Home > Health & Fitness > Mental Health > Depression
Results so far:
| Yes | 57% | 361 votes | Total: 634 votes | |
| No | 43% | 273 votes |
Yes
Created on: December 16, 2007
Hypnosis can relieve depression, but it depends on the experience and strength of knowledge of the hypnotist and the patients willingness to participate fully. In-order to be hypnotized you have to want to be so. You also need to trust your hypnotherapist so that you can reach into your subconscious where healing can take place.
I am a hypnotherapist and wouldn't dream of taking a patient back to relieve a painful memory unless thats what they want to do and I can see a benefit coming from doing so. I would also need to feel that they can cope with the experience without being hurt or damaged.
This may relate to depression if the depression stems from a known cause which could be a painful event. In such a case the most positive way to begin to overcome such depression is not usually to keep going over the problem like a stuck record and reliving the anxiety which was produced by the event.
It is possible, instead, to help a patient tap into their own healing properties caused by chemical reactions in their brain.
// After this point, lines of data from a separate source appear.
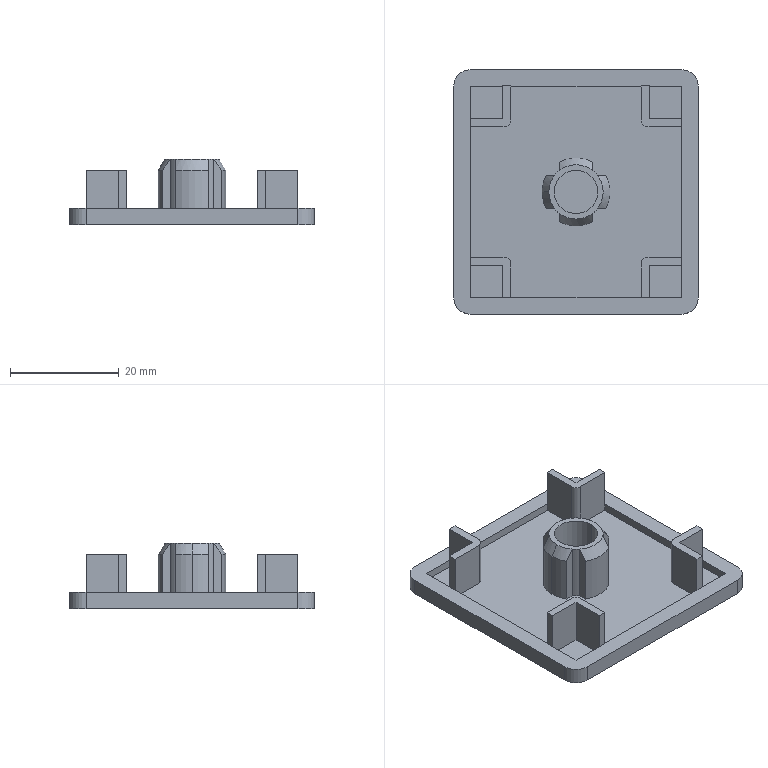Component | SolidWorks | HFC8_4545_B-2_HFC8_4545_Bc-1 | 1 solid | 85 faces | box 45 x 45 x 12 mm | volume 5045 mm3 | plane 61 | cylinder 19 | cone 5 | commonest cylinder face diameters 12.5 x5 6 x4 10 x4 2.5 x4 8 x2
build123d program:
from build123d import *

# Parameters (mm, degrees)
BOSS_EXTRUDE1_DEPTH      = 3
SKETCH2_W                = 39
SKETCH2_H                = 39
CUT_EXTRUDE1_DEPTH       = 1.5
BOSS_EXTRUDE2_DEPTH      = 8.5
BOSS_EXTRUDE3_DEPTH      = 8.5
BOSS_EXTRUDE4_DEPTH      = 8.5
BOSS_EXTRUDE5_DEPTH      = 8.5
SKETCH8_R                = 8
CUT_EXTRUDE2_DEPTH       = 12
PLUGCORNERRELIEF_R1_25_R = 1.25


with BuildPart() as part:
    # Sketch1 → Boss-Extrude1 (new body)
    with BuildSketch(Plane.XY):
        with BuildLine():
            Line((-22.5, 19.5), (-22.5, -19.5))
            ThreePointArc((-22.5, -19.5), (-21.621, -21.621), (-19.5, -22.5))
            Line((-19.5, -22.5), (19.5, -22.5))
            ThreePointArc((19.5, -22.5), (21.621, -21.621), (22.5, -19.5))
            Line((22.5, -19.5), (22.5, 19.5))
            ThreePointArc((22.5, 19.5), (21.621, 21.621), (19.5, 22.5))
            Line((19.5, 22.5), (-19.5, 22.5))
            ThreePointArc((-19.5, 22.5), (-21.621, 21.621), (-22.5, 19.5))
        make_face()
    extrude(amount=-BOSS_EXTRUDE1_DEPTH)

    # Sketch2 → Cut-Extrude1 (cut)
    with BuildSketch(Plane.XY):
        Rectangle(SKETCH2_W, SKETCH2_H)
    extrude(amount=-CUT_EXTRUDE1_DEPTH, mode=Mode.SUBTRACT)

    # Sketch3 → Boss-Extrude2 (add)
    with BuildSketch(Plane.XY.offset(-1.5)):
        Polygon((-19.5, 12), (-12, 12), (-12, 19.5), (-13.5, 19.5), (-13.5, 13.5), (-19.5, 13.5), align=None)
    extrude(amount=BOSS_EXTRUDE2_DEPTH)

    # Sketch4 → Boss-Extrude3 (add)
    with BuildSketch(Plane.XY.offset(-1.5)):
        Polygon((12, 19.5), (12, 12), (19.5, 12), (19.5, 13.5), (13.5, 13.5), (13.5, 19.5), align=None)
    extrude(amount=BOSS_EXTRUDE3_DEPTH)

    # Sketch5 → Boss-Extrude4 (add)
    with BuildSketch(Plane.XY.offset(-1.5)):
        Polygon((-19.5, -12), (-19.5, -13.5), (-13.5, -13.5), (-13.5, -19.5), (-12, -19.5), (-12, -12), align=None)
    extrude(amount=BOSS_EXTRUDE4_DEPTH)

    # Sketch6 → Boss-Extrude5 (add)
    with BuildSketch(Plane.XY.offset(-1.5)):
        Polygon((12, -19.5), (13.5, -19.5), (13.5, -13.5), (19.5, -13.5), (19.5, -12), (12, -12), align=None)
    extrude(amount=BOSS_EXTRUDE5_DEPTH)

    # Sketch7 → Revolve1 (revolve)
    with BuildSketch(Plane(origin=(0, 0, 0), x_dir=(1, 0, 0), z_dir=(0, 1, 0)), mode=Mode.PRIVATE) as revolve1_sk:
        Polygon((4, 1.5), (4, -9), (5, -9), (6.25, -7), (6.25, 1.5), align=None)
    revolve(revolve1_sk.sketch.rotate(Axis((0, 0, 9), (0, 0, -1)), 180), axis=Axis((0, 0, 9), (0, 0, -1)))

    # Sketch8 → Cut-Extrude2 (cut)
    with BuildSketch(Plane.XY.offset(-1.5)):
        Circle(SKETCH8_R)
        with BuildLine():
            Line((-5.483, -3), (-4, -3))
            ThreePointArc((-4, -3), (-3.536, -3.536), (-3, -4))
            Line((-3, -4), (-3, -5.483))
            ThreePointArc((-3, -5.483), (0, -6.25), (3, -5.483))
            Line((3, -5.483), (3, -4))
            ThreePointArc((3, -4), (3.536, -3.536), (4, -3))
            Line((4, -3), (5.483, -3))
            ThreePointArc((5.483, -3), (6.25, 0), (5.483, 3))
            Line((5.483, 3), (4, 3))
            ThreePointArc((4, 3), (3.536, 3.536), (3, 4))
            Line((3, 4), (3, 5.483))
            ThreePointArc((3, 5.483), (0, 6.25), (-3, 5.483))
            Line((-3, 5.483), (-3, 4))
            ThreePointArc((-3, 4), (-3.536, 3.536), (-4, 3))
            Line((-4, 3), (-5.483, 3))
            ThreePointArc((-5.483, 3), (-6.25, 0), (-5.483, -3))
        make_face(mode=Mode.SUBTRACT)
    extrude(amount=CUT_EXTRUDE2_DEPTH, mode=Mode.SUBTRACT)

    # PlugCornerRelief_R1.25
    plugcornerrelief_r1_25_edges = [part.edges().sort_by_distance(p)[0] for p in [
        (12, -12, 2.75),
        (-12, 12, 2.75),
        (12, 12, 2.75),
        (-12, -12, 2.75),
    ]]
    fillet(plugcornerrelief_r1_25_edges, radius=PLUGCORNERRELIEF_R1_25_R)


solid = part.part

# Placed as in the assembly
solid = solid.moved(Location((-65.506, 8.087, -2402.928), (0, 0, 0)))
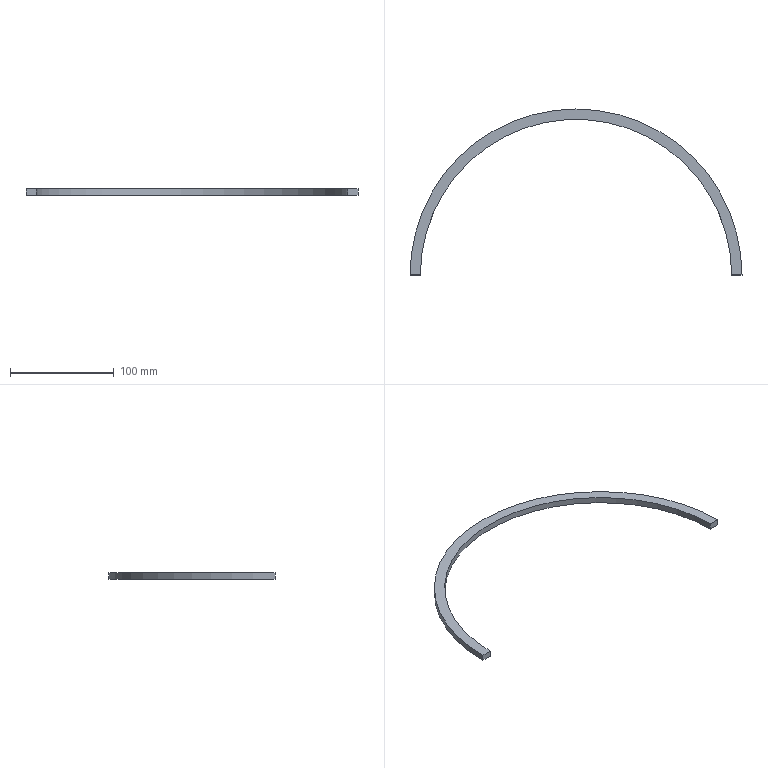Component | SolidWorks | JF21-80.1-1-3(_)-1-SOLID29-1 | 1 solid | 6 faces | box 320 x 160 x 6 mm | volume 29217 mm3 | plane 4 | cylinder 2 | commonest cylinder face diameters 320 x1 300 x1
STEP:
#1=COLOUR_RGB('',0.7922,0.8196,0.9333);
#2=FILL_AREA_STYLE_COLOUR('',#1);
#3=FILL_AREA_STYLE('',(#2));
#4=SURFACE_STYLE_FILL_AREA(#3);
#5=SURFACE_SIDE_STYLE('',(#4));
#6=SURFACE_STYLE_USAGE(.BOTH.,#5);
#7=PRESENTATION_STYLE_ASSIGNMENT((#6));
#8=CARTESIAN_POINT('',(6.299,-0.,12.559));
#9=VERTEX_POINT('',#8);
#10=CARTESIAN_POINT('',(-6.299,-0.,12.559));
#11=VERTEX_POINT('',#10);
#12=CARTESIAN_POINT('',(0.,0.,12.559));
#13=DIRECTION('',(0.,0.,1.));
#14=DIRECTION('',(1.,0.,0.));
#15=AXIS2_PLACEMENT_3D('',#12,#13,#14);
#16=CIRCLE('',#15,6.299);
#17=EDGE_CURVE('',#9,#11,#16,.T.);
#18=ORIENTED_EDGE('',*,*,#17,.T.);
#19=CARTESIAN_POINT('',(-6.299,-0.,12.795));
#20=VERTEX_POINT('',#19);
#21=CARTESIAN_POINT('',(-6.299,-0.,12.795));
#22=DIRECTION('',(0.,0.,1.));
#23=VECTOR('',#22,39.37);
#24=LINE('',#21,#23);
#25=EDGE_CURVE('',#11,#20,#24,.T.);
#26=ORIENTED_EDGE('',*,*,#25,.T.);
#27=CARTESIAN_POINT('',(6.299,-0.,12.795));
#28=VERTEX_POINT('',#27);
#29=CARTESIAN_POINT('',(0.,0.,12.795));
#30=DIRECTION('',(0.,0.,1.));
#31=DIRECTION('',(1.,0.,0.));
#32=AXIS2_PLACEMENT_3D('',#29,#30,#31);
#33=CIRCLE('',#32,6.299);
#34=EDGE_CURVE('',#28,#20,#33,.T.);
#35=ORIENTED_EDGE('',*,*,#34,.F.);
#36=CARTESIAN_POINT('',(6.299,-0.,12.795));
#37=DIRECTION('',(0.,0.,1.));
#38=VECTOR('',#37,39.37);
#39=LINE('',#36,#38);
#40=EDGE_CURVE('',#9,#28,#39,.T.);
#41=ORIENTED_EDGE('',*,*,#40,.F.);
#42=EDGE_LOOP('',(#18,#26,#35,#41));
#43=FACE_OUTER_BOUND('',#42,.T.);
#44=CARTESIAN_POINT('',(0.,0.,17.45));
#45=DIRECTION('',(0.,0.,1.));
#46=DIRECTION('',(-1.,0.,0.));
#47=AXIS2_PLACEMENT_3D('',#44,#45,#46);
#48=CYLINDRICAL_SURFACE('',#47,6.299);
#49=ADVANCED_FACE('',(#43),#48,.T.);
#50=CARTESIAN_POINT('',(5.906,-0.,12.559));
#51=VERTEX_POINT('',#50);
#52=CARTESIAN_POINT('',(-5.906,-0.,12.559));
#53=VERTEX_POINT('',#52);
#54=CARTESIAN_POINT('',(0.,0.,12.559));
#55=DIRECTION('',(0.,0.,1.));
#56=DIRECTION('',(1.,0.,0.));
#57=AXIS2_PLACEMENT_3D('',#54,#55,#56);
#58=CIRCLE('',#57,5.906);
#59=EDGE_CURVE('',#51,#53,#58,.T.);
#60=ORIENTED_EDGE('',*,*,#59,.T.);
#61=CARTESIAN_POINT('',(-6.299,-0.,12.559));
#62=DIRECTION('',(-1.,-0.,0.));
#63=VECTOR('',#62,39.37);
#64=LINE('',#61,#63);
#65=EDGE_CURVE('',#53,#11,#64,.T.);
#66=ORIENTED_EDGE('',*,*,#65,.T.);
#67=ORIENTED_EDGE('',*,*,#17,.F.);
#68=CARTESIAN_POINT('',(6.299,-0.,12.559));
#69=DIRECTION('',(1.,-0.,0.));
#70=VECTOR('',#69,39.37);
#71=LINE('',#68,#70);
#72=EDGE_CURVE('',#51,#9,#71,.T.);
#73=ORIENTED_EDGE('',*,*,#72,.F.);
#74=EDGE_LOOP('',(#60,#66,#67,#73));
#75=FACE_OUTER_BOUND('',#74,.T.);
#76=CARTESIAN_POINT('',(6.299,-0.,12.559));
#77=DIRECTION('',(0.,0.,1.));
#78=DIRECTION('',(-1.,0.,0.));
#79=AXIS2_PLACEMENT_3D('',#76,#77,#78);
#80=PLANE('',#79);
#81=ADVANCED_FACE('',(#75),#80,.F.);
#82=CARTESIAN_POINT('',(5.906,-0.,12.795));
#83=VERTEX_POINT('',#82);
#84=CARTESIAN_POINT('',(-5.906,-0.,12.795));
#85=VERTEX_POINT('',#84);
#86=CARTESIAN_POINT('',(0.,0.,12.795));
#87=DIRECTION('',(0.,0.,1.));
#88=DIRECTION('',(1.,0.,0.));
#89=AXIS2_PLACEMENT_3D('',#86,#87,#88);
#90=CIRCLE('',#89,5.906);
#91=EDGE_CURVE('',#83,#85,#90,.T.);
#92=ORIENTED_EDGE('',*,*,#91,.T.);
#93=CARTESIAN_POINT('',(-5.906,-0.,12.559));
#94=DIRECTION('',(0.,0.,-1.));
#95=VECTOR('',#94,39.37);
#96=LINE('',#93,#95);
#97=EDGE_CURVE('',#85,#53,#96,.T.);
#98=ORIENTED_EDGE('',*,*,#97,.T.);
#99=ORIENTED_EDGE('',*,*,#59,.F.);
#100=CARTESIAN_POINT('',(5.906,-0.,12.559));
#101=DIRECTION('',(0.,0.,-1.));
#102=VECTOR('',#101,39.37);
#103=LINE('',#100,#102);
#104=EDGE_CURVE('',#83,#51,#103,.T.);
#105=ORIENTED_EDGE('',*,*,#104,.F.);
#106=EDGE_LOOP('',(#92,#98,#99,#105));
#107=FACE_OUTER_BOUND('',#106,.T.);
#108=CARTESIAN_POINT('',(0.,0.,17.45));
#109=DIRECTION('',(0.,0.,1.));
#110=DIRECTION('',(-1.,0.,0.));
#111=AXIS2_PLACEMENT_3D('',#108,#109,#110);
#112=CYLINDRICAL_SURFACE('',#111,5.906);
#113=ADVANCED_FACE('',(#107),#112,.F.);
#114=ORIENTED_EDGE('',*,*,#40,.T.);
#115=CARTESIAN_POINT('',(5.906,-0.,12.795));
#116=DIRECTION('',(-1.,0.,-0.));
#117=VECTOR('',#116,39.37);
#118=LINE('',#115,#117);
#119=EDGE_CURVE('',#28,#83,#118,.T.);
#120=ORIENTED_EDGE('',*,*,#119,.T.);
#121=ORIENTED_EDGE('',*,*,#104,.T.);
#122=ORIENTED_EDGE('',*,*,#72,.T.);
#123=EDGE_LOOP('',(#114,#120,#121,#122));
#124=FACE_OUTER_BOUND('',#123,.T.);
#125=CARTESIAN_POINT('',(6.299,-0.,12.559));
#126=DIRECTION('',(0.,1.,0.));
#127=DIRECTION('',(0.,0.,-1.));
#128=AXIS2_PLACEMENT_3D('',#125,#126,#127);
#129=PLANE('',#128);
#130=ADVANCED_FACE('',(#124),#129,.F.);
#131=ORIENTED_EDGE('',*,*,#119,.F.);
#132=ORIENTED_EDGE('',*,*,#34,.T.);
#133=CARTESIAN_POINT('',(-5.906,-0.,12.795));
#134=DIRECTION('',(1.,0.,-0.));
#135=VECTOR('',#134,39.37);
#136=LINE('',#133,#135);
#137=EDGE_CURVE('',#20,#85,#136,.T.);
#138=ORIENTED_EDGE('',*,*,#137,.T.);
#139=ORIENTED_EDGE('',*,*,#91,.F.);
#140=EDGE_LOOP('',(#131,#132,#138,#139));
#141=FACE_OUTER_BOUND('',#140,.T.);
#142=CARTESIAN_POINT('',(5.906,-0.,12.795));
#143=DIRECTION('',(0.,0.,-1.));
#144=DIRECTION('',(1.,0.,0.));
#145=AXIS2_PLACEMENT_3D('',#142,#143,#144);
#146=PLANE('',#145);
#147=ADVANCED_FACE('',(#141),#146,.F.);
#148=ORIENTED_EDGE('',*,*,#25,.F.);
#149=ORIENTED_EDGE('',*,*,#65,.F.);
#150=ORIENTED_EDGE('',*,*,#97,.F.);
#151=ORIENTED_EDGE('',*,*,#137,.F.);
#152=EDGE_LOOP('',(#148,#149,#150,#151));
#153=FACE_OUTER_BOUND('',#152,.T.);
#154=CARTESIAN_POINT('',(-6.299,-0.,12.559));
#155=DIRECTION('',(0.,-1.,0.));
#156=DIRECTION('',(0.,0.,-1.));
#157=AXIS2_PLACEMENT_3D('',#154,#155,#156);
#158=PLANE('',#157);
#159=ADVANCED_FACE('',(#153),#158,.T.);
#160=CLOSED_SHELL('',(#49,#81,#113,#130,#147,#159));
#161=MANIFOLD_SOLID_BREP('',#160);
#162=STYLED_ITEM('',(#7),#161);
#163=(LENGTH_UNIT()NAMED_UNIT(*)SI_UNIT($,.METRE.));
#164=LENGTH_MEASURE_WITH_UNIT(LENGTH_MEASURE(0.0254),#163);
#165=DIMENSIONAL_EXPONENTS(1.,0.,0.,0.,0.,0.,0.);
#166=(CONVERSION_BASED_UNIT('',#164)LENGTH_UNIT()NAMED_UNIT(#165));
#167=UNCERTAINTY_MEASURE_WITH_UNIT(LENGTH_MEASURE(0.00001),#166,'','');
#168=(NAMED_UNIT(*)PLANE_ANGLE_UNIT()SI_UNIT($,.RADIAN.));
#169=(NAMED_UNIT(*)SI_UNIT($,.STERADIAN.)SOLID_ANGLE_UNIT());
#170=(GEOMETRIC_REPRESENTATION_CONTEXT(3)GLOBAL_UNCERTAINTY_ASSIGNED_CONTEXT((#167))GLOBAL_UNIT_ASSIGNED_CONTEXT((#166,#168,#169))REPRESENTATION_CONTEXT('',''));
#171=MECHANICAL_DESIGN_GEOMETRIC_PRESENTATION_REPRESENTATION('',(#162),#170);
#172=PRESENTATION_LAYER_ASSIGNMENT('','',(#162));
#173=CARTESIAN_POINT('',(0.,0.,0.));
#174=DIRECTION('',(0.,0.,1.));
#175=DIRECTION('',(1.,0.,0.));
#176=AXIS2_PLACEMENT_3D('',#173,#174,#175);
#177=(LENGTH_UNIT()NAMED_UNIT(*)SI_UNIT($,.METRE.));
#178=LENGTH_MEASURE_WITH_UNIT(LENGTH_MEASURE(0.0254),#177);
#179=DIMENSIONAL_EXPONENTS(1.,0.,0.,0.,0.,0.,0.);
#180=(CONVERSION_BASED_UNIT('',#178)LENGTH_UNIT()NAMED_UNIT(#179));
#181=UNCERTAINTY_MEASURE_WITH_UNIT(LENGTH_MEASURE(0.00001),#180,'','');
#182=(NAMED_UNIT(*)PLANE_ANGLE_UNIT()SI_UNIT($,.RADIAN.));
#183=(NAMED_UNIT(*)SI_UNIT($,.STERADIAN.)SOLID_ANGLE_UNIT());
#184=(GEOMETRIC_REPRESENTATION_CONTEXT(3)GLOBAL_UNCERTAINTY_ASSIGNED_CONTEXT((#181))GLOBAL_UNIT_ASSIGNED_CONTEXT((#180,#182,#183))REPRESENTATION_CONTEXT('',''));
#185=ADVANCED_BREP_SHAPE_REPRESENTATION('',(#161,#176),#184);

During certain happy memories good and helpful chemicals are released into the patients system which can help to aid their recovery.
A patient can then be taught to gain back their own personal strength and personal power by learning how to access positive emotions when they most need to, rather than negative ones.
Working in this way empowers individuals and lets them be in charge of what happens to them. This is useful as many people who are depressed have sought help from others who have meant well but who have come out as being the 'expert' while the patient ended up as the victim who needed their help.
When used wisely hypnotherapy can become a powerful tool for people who wish to reach positive emotions and to rid themselves of the pain of depression or unwanted negative thoughts.
Learn more about this author, Bridget Webber.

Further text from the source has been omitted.